In comparison, Java approach is to define the relationship (interfaces), and then to realize, this is more like from the perspective of God's plan to produce defined concepts, then creation.
Because the loose coupling between the interface and the object, Golang such a manner as to determine a type assertion is not a type interfaces:
value, B: = interface (Type). , The default value Example Type; b.
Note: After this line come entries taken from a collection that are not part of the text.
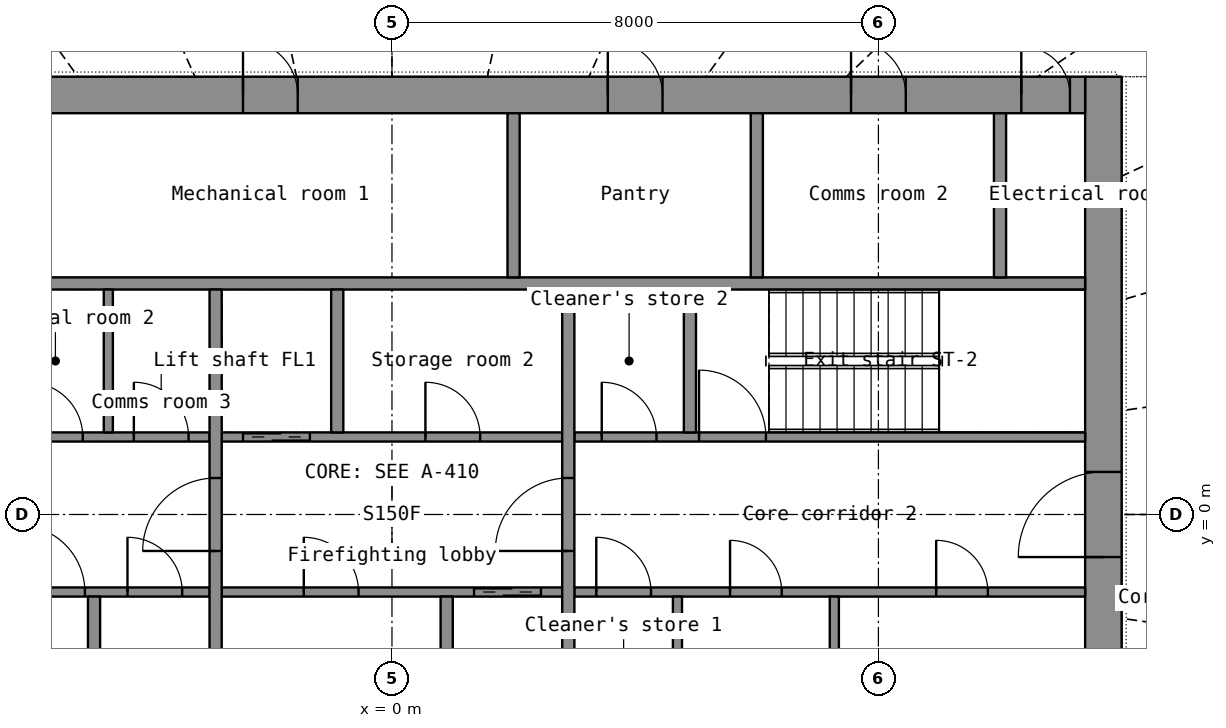
"""IFC4 building model, lengths in metres.
Left out: names, types, materials, properties, quantities, classifications, styles, units other than length and angle.
Written with IfcOpenShell. Run it as: python <this file> out.ifc"""

import sys

from ifc_helpers import new_model, si_unit, direction, frame, frame_2d, origin, place, context, subcontext, project, spatial, rectangle, extrude, element, fill, save


model = new_model("IFC4")
c1 = context("Model", 3, precision=1e-05, world=origin(), true_north=direction((0.0, 1.0)))
c2 = subcontext(c1, "Body", "Model", "MODEL_VIEW")
j1 = project(units=[si_unit("LENGTHUNIT", "METRE"), si_unit("PLANEANGLEUNIT", "RADIAN")], contexts=[c1])
p1 = place(None, origin())
s1 = spatial("IfcSite", under=j1, at=p1, CompositionType="ELEMENT")
p2 = place(p1, origin())
s2 = spatial("IfcBuilding", under=s1, at=p2, CompositionType="ELEMENT")
p3 = place(p2, frame((0.0, 0.0, 66.7)))
s3 = spatial("IfcBuildingStorey", under=s2, at=p3, CompositionType="ELEMENT", Elevation=66.7)
p4 = place(p3, frame((11.7, -7.2, 0.0), z_axis=(0.0, 0.0, 1.0), x_axis=(0.0, 1.0, 0.0)))
e1 = element("IfcWall", 1, at=p4, inside=s3, PredefinedType="SHEAR", context=c2, shape_type="SweptSolid", body=[
    extrude(rectangle(XDim=14.4, YDim=0.6, at=frame_2d((7.2, 0.0))), origin(), (0.0, 0.0, 1.0), 3.3),
])
p5 = place(p4, frame((6.5, 0.0, 0.0)))
e2 = element("IfcOpeningElement", 2, at=p5, cuts=e1, PredefinedType="OPENING", context=c2, shape_type="SweptSolid", body=[
    extrude(rectangle(XDim=1.4, YDim=2.2, at=frame_2d((0.7, 1.1))), frame((0.0, 0.31, 0.0), z_axis=(0.0, -1.0, 0.0), x_axis=(1.0, 0.0, 0.0)), (0.0, 0.0, 1.0), 0.62),
])
p6 = place(p3, frame((-11.4, 6.9, 0.0), z_axis=(0.0, 0.0, 1.0), x_axis=(1.0, 0.0, 0.0)))
e3 = element("IfcWall", 3, at=p6, inside=s3, PredefinedType="SHEAR", context=c2, shape_type="SweptSolid", body=[
    extrude(rectangle(XDim=22.8, YDim=0.6, at=frame_2d((11.4, 0.0))), origin(), (0.0, 0.0, 1.0), 3.3),
])
p7 = place(p6, frame((1.85, 0.0, 0.0)))
e4 = element("IfcOpeningElement", 4, at=p7, cuts=e3, PredefinedType="OPENING", context=c2, shape_type="SweptSolid", body=[
    extrude(rectangle(XDim=1.1, YDim=2.2, at=frame_2d((0.55, 1.1))), frame((0.0, 0.31, 0.0), z_axis=(0.0, -1.0, 0.0), x_axis=(1.0, 0.0, 0.0)), (0.0, 0.0, 1.0), 0.62),
])
p8 = place(p6, frame((8.95, 0.0, 0.0)))
e5 = element("IfcOpeningElement", 5, at=p8, cuts=e3, PredefinedType="OPENING", context=c2, shape_type="SweptSolid", body=[
    extrude(rectangle(XDim=0.9, YDim=2.1, at=frame_2d((0.45, 1.05))), frame((0.0, 0.31, 0.0), z_axis=(0.0, -1.0, 0.0), x_axis=(1.0, 0.0, 0.0)), (0.0, 0.0, 1.0), 0.62),
])
p9 = place(p6, frame((14.95, 0.0, 0.0)))
e6 = element("IfcOpeningElement", 6, at=p9, cuts=e3, PredefinedType="OPENING", context=c2, shape_type="SweptSolid", body=[
    extrude(rectangle(XDim=0.9, YDim=2.1, at=frame_2d((0.45, 1.05))), frame((0.0, 0.31, 0.0), z_axis=(0.0, -1.0, 0.0), x_axis=(1.0, 0.0, 0.0)), (0.0, 0.0, 1.0), 0.62),
])
p10 = place(p6, frame((18.95, 0.0, 0.0)))
e7 = element("IfcOpeningElement", 7, at=p10, cuts=e3, PredefinedType="OPENING", context=c2, shape_type="SweptSolid", body=[
    extrude(rectangle(XDim=0.9, YDim=2.1, at=frame_2d((0.45, 1.05))), frame((0.0, 0.31, 0.0), z_axis=(0.0, -1.0, 0.0), x_axis=(1.0, 0.0, 0.0)), (0.0, 0.0, 1.0), 0.62),
])
p11 = place(p6, frame((0.25, 0.0, 0.0)))
e8 = element("IfcOpeningElement", 8, at=p11, cuts=e3, PredefinedType="OPENING", context=c2, shape_type="SweptSolid", body=[
    extrude(rectangle(XDim=0.8, YDim=2.05, at=frame_2d((0.4, 1.025))), frame((0.0, 0.31, 0.0), z_axis=(0.0, -1.0, 0.0), x_axis=(1.0, 0.0, 0.0)), (0.0, 0.0, 1.0), 0.62),
])
p12 = place(p6, frame((21.75, 0.0, 0.0)))
e9 = element("IfcOpeningElement", 9, at=p12, cuts=e3, PredefinedType="OPENING", context=c2, shape_type="SweptSolid", body=[
    extrude(rectangle(XDim=0.8, YDim=2.05, at=frame_2d((0.4, 1.025))), frame((0.0, 0.31, 0.0), z_axis=(0.0, -1.0, 0.0), x_axis=(1.0, 0.0, 0.0)), (0.0, 0.0, 1.0), 0.62),
])
p13 = place(p3, frame((-11.4, 3.8, 0.0), z_axis=(0.0, 0.0, 1.0), x_axis=(1.0, 0.0, 0.0)))
e10 = element("IfcWall", 10, at=p13, inside=s3, PredefinedType="SHEAR", context=c2, shape_type="SweptSolid", body=[
    extrude(rectangle(XDim=22.8, YDim=0.2, at=frame_2d((11.4, 0.0))), origin(), (0.0, 0.0, 1.0), 3.3),
])
p14 = place(p3, frame((10.0, 3.9, 0.0), z_axis=(0.0, 0.0, 1.0), x_axis=(0.0, 1.0, 0.0)))
e11 = element("IfcWall", 11, at=p14, inside=s3, PredefinedType="SHEAR", context=c2, shape_type="SweptSolid", body=[
    extrude(rectangle(XDim=2.7, YDim=0.2, at=frame_2d((1.35, 0.0))), origin(), (0.0, 0.0, 1.0), 3.3),
])
for number, where, z_axis, x_axis in (
    (12, (2.0, 3.9, 0.0), (0.0, 0.0, 1.0), (0.0, 1.0, 0.0)),
    (13, (6.0, 3.9, 0.0), (0.0, 0.0, 1.0), (0.0, 1.0, 0.0)),
):
    element("IfcWall", number, at=place(p3, frame(where, z_axis=z_axis, x_axis=x_axis)), inside=s3, PredefinedType="PARTITIONING", context=c2, shape_type="SweptSolid", body=[
        extrude(rectangle(XDim=2.7, YDim=0.2, at=frame_2d((1.35, 0.0))), origin(), (0.0, 0.0, 1.0), 3.3),
    ])
p15 = place(p3, frame((-11.4, -1.275, 0.0), z_axis=(0.0, 0.0, 1.0), x_axis=(1.0, 0.0, 0.0)))
e14 = element("IfcWall", 14, at=p15, inside=s3, PredefinedType="SHEAR", context=c2, shape_type="SweptSolid", body=[
    extrude(rectangle(XDim=8.4, YDim=0.15, at=frame_2d((4.2, 0.0))), origin(), (0.0, 0.0, 1.0), 3.3),
])
p16 = place(p15, frame((5.25, 0.0, 0.0)))
e15 = element("IfcOpeningElement", 15, at=p16, cuts=e14, PredefinedType="OPENING", context=c2, shape_type="SweptSolid", body=[
    extrude(rectangle(XDim=1.1, YDim=2.15, at=frame_2d((0.55, 1.075))), frame((0.0, 0.085, 0.0), z_axis=(0.0, -1.0, 0.0), x_axis=(1.0, 0.0, 0.0)), (0.0, 0.0, 1.0), 0.17),
])
p17 = place(p15, frame((7.05, 0.0, 0.0)))
e16 = element("IfcOpeningElement", 16, at=p17, cuts=e14, PredefinedType="OPENING", context=c2, shape_type="SweptSolid", body=[
    extrude(rectangle(XDim=0.9, YDim=2.1, at=frame_2d((0.45, 1.05))), frame((0.0, 0.085, 0.0), z_axis=(0.0, -1.0, 0.0), x_axis=(1.0, 0.0, 0.0)), (0.0, 0.0, 1.0), 0.17),
])
p18 = place(p3, frame((-2.8, -1.275, 0.0), z_axis=(0.0, 0.0, 1.0), x_axis=(1.0, 0.0, 0.0)))
e17 = element("IfcWall", 17, at=p18, inside=s3, PredefinedType="SHEAR", context=c2, shape_type="SweptSolid", body=[
    extrude(rectangle(XDim=5.6, YDim=0.15, at=frame_2d((2.8, 0.0))), origin(), (0.0, 0.0, 1.0), 3.3),
])
p19 = place(p18, frame((4.15, 0.0, 0.0)))
e18 = element("IfcOpeningElement", 18, at=p19, cuts=e17, PredefinedType="OPENING", context=c2, shape_type="SweptSolid", body=[
    extrude(rectangle(XDim=1.1, YDim=2.2, at=frame_2d((0.55, 1.1))), frame((0.0, 0.085, 0.0), z_axis=(0.0, -1.0, 0.0), x_axis=(1.0, 0.0, 0.0)), (0.0, 0.0, 1.0), 0.17),
])
p20 = place(p18, frame((1.35, 0.0, 0.0)))
e19 = element("IfcOpeningElement", 19, at=p20, cuts=e17, PredefinedType="OPENING", context=c2, shape_type="SweptSolid", body=[
    extrude(rectangle(XDim=0.9, YDim=2.1, at=frame_2d((0.45, 1.05))), frame((0.0, 0.085, 0.0), z_axis=(0.0, -1.0, 0.0), x_axis=(1.0, 0.0, 0.0)), (0.0, 0.0, 1.0), 0.17),
])
p21 = place(p3, frame((3.0, -1.275, 0.0), z_axis=(0.0, 0.0, 1.0), x_axis=(1.0, 0.0, 0.0)))
e20 = element("IfcWall", 20, at=p21, inside=s3, PredefinedType="PARTITIONING", context=c2, shape_type="SweptSolid", body=[
    extrude(rectangle(XDim=8.4, YDim=0.15, at=frame_2d((4.2, 0.0))), origin(), (0.0, 0.0, 1.0), 3.3),
])
p22 = place(p21, frame((0.36, 0.0, 0.0)))
e21 = element("IfcOpeningElement", 21, at=p22, cuts=e20, PredefinedType="OPENING", context=c2, shape_type="SweptSolid", body=[
    extrude(rectangle(XDim=0.9, YDim=2.1, at=frame_2d((0.45, 1.05))), frame((0.0, 0.085, 0.0), z_axis=(0.0, -1.0, 0.0), x_axis=(1.0, 0.0, 0.0)), (0.0, 0.0, 1.0), 0.17),
])
p23 = place(p21, frame((2.56, 0.0, 0.0)))
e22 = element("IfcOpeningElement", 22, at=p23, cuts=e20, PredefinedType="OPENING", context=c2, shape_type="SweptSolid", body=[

A bool type, It shows that the assertion holds.
interface judgment
// 接上面的例子
v1, b := interface{}(s).(Car)
fmt.Println(v1, b)
v2, b := interface{}(s).(Being)
fmt.Println(v2, b)
v3, b := interface{}(s).(Human)
fmt.Println(v3, b)
v4, b := interface{}(s).(Student)
fmt.Println(v4, b)
v5, b := interface{}(s).(IDrink)
fmt.Println(v5, b)
v6, b := interface{}(s).(IEat)
fmt.Println(v6, b)
v7, b := interface{}(s).(IMove)
fmt.Println(v7, b)
v8, b := interface{}(s).(int)
fmt.Println(v8, b)The above code, using empty interface to interface {} s were cast as a struct s, not the interface, the type and number of the left side in claim assertion expression must interface.
{ 0} false
{false} false
{{false} 0} false
{{{true} Jason 12} 1 English} true
{{{true} Jason 12} 1 English} true
{{{true} Jason 12} 1 English} true
<nil> false
falseCommon usage-based interface similar paradigm
s1 := Student{Grade: 1, Major: "English", Human: Human{Name: "Jason", Age: 12, Being: Being{IsLive: true}}}
s2 := Student{Grade: 1, Major: "English", Human: Human{Name: "Tom", Age: 13, Being: Being{IsLive: true}}}
s3 := Student{Grade: 1, Major: "English", Human: Human{Name: "Mike", Age: 14, Being: Being{IsLive: true}}}
t1 := Teacher{Grade: 1, Major: "English", Salary: 2000, Human: Human{Name: "Michael", Age: 34, Being: Being{IsLive: true}}}
t2 := Teacher{Grade: 1, Major: "English", Salary: 3000, Human: Human{Name: "Tony", Age: 31, Being: Being{IsLive: true}}}
t3 := Teacher{Grade: 1, Major: "English", Salary: 4000, Human: Human{Name: "Ivy", Age: 40, Being: Being{IsLive: true}}}
drinkers := []IDrink{s1, s2, s3, t1, t2, t3}
for _, v := range drinkers {
switch t := v.(type) {
case Student:
fmt.Println(t.Name, "is a Student, he/she needs more homework.")
case Teacher:
fmt.Println(t.Name, "is a Teacher, he/she needs more jobs.")
default:
fmt.Println("Invalid Human being:", t)
}
}output:
Jason is a Student, he/she needs more homework.
Tom is a Student, he/she needs more homework.
Mike is a Student, he/she needs more homework.
Michael is a Teacher, he/she needs more jobs.
Tony is a Teacher, he/she needs more jobs.
Ivy is a Teacher, he/she needs more jobs.why no longer oop in go ?
James Gosling :
I once attended a Java user group meeting where James Gosling (Java’s inventor) was the featured speaker.
During the memorable Q&A session, someone asked him: “If you could do Java over again, what would you change?”
“I’d leave out classes,” he replied. After the laughter died down, he explained that the real problem wasn’t classes per se, but rather implementation inheritance (the extends relationship). Interface inheritance (the implements relationship) is preferable. You should avoid implementation inheritance whenever possible.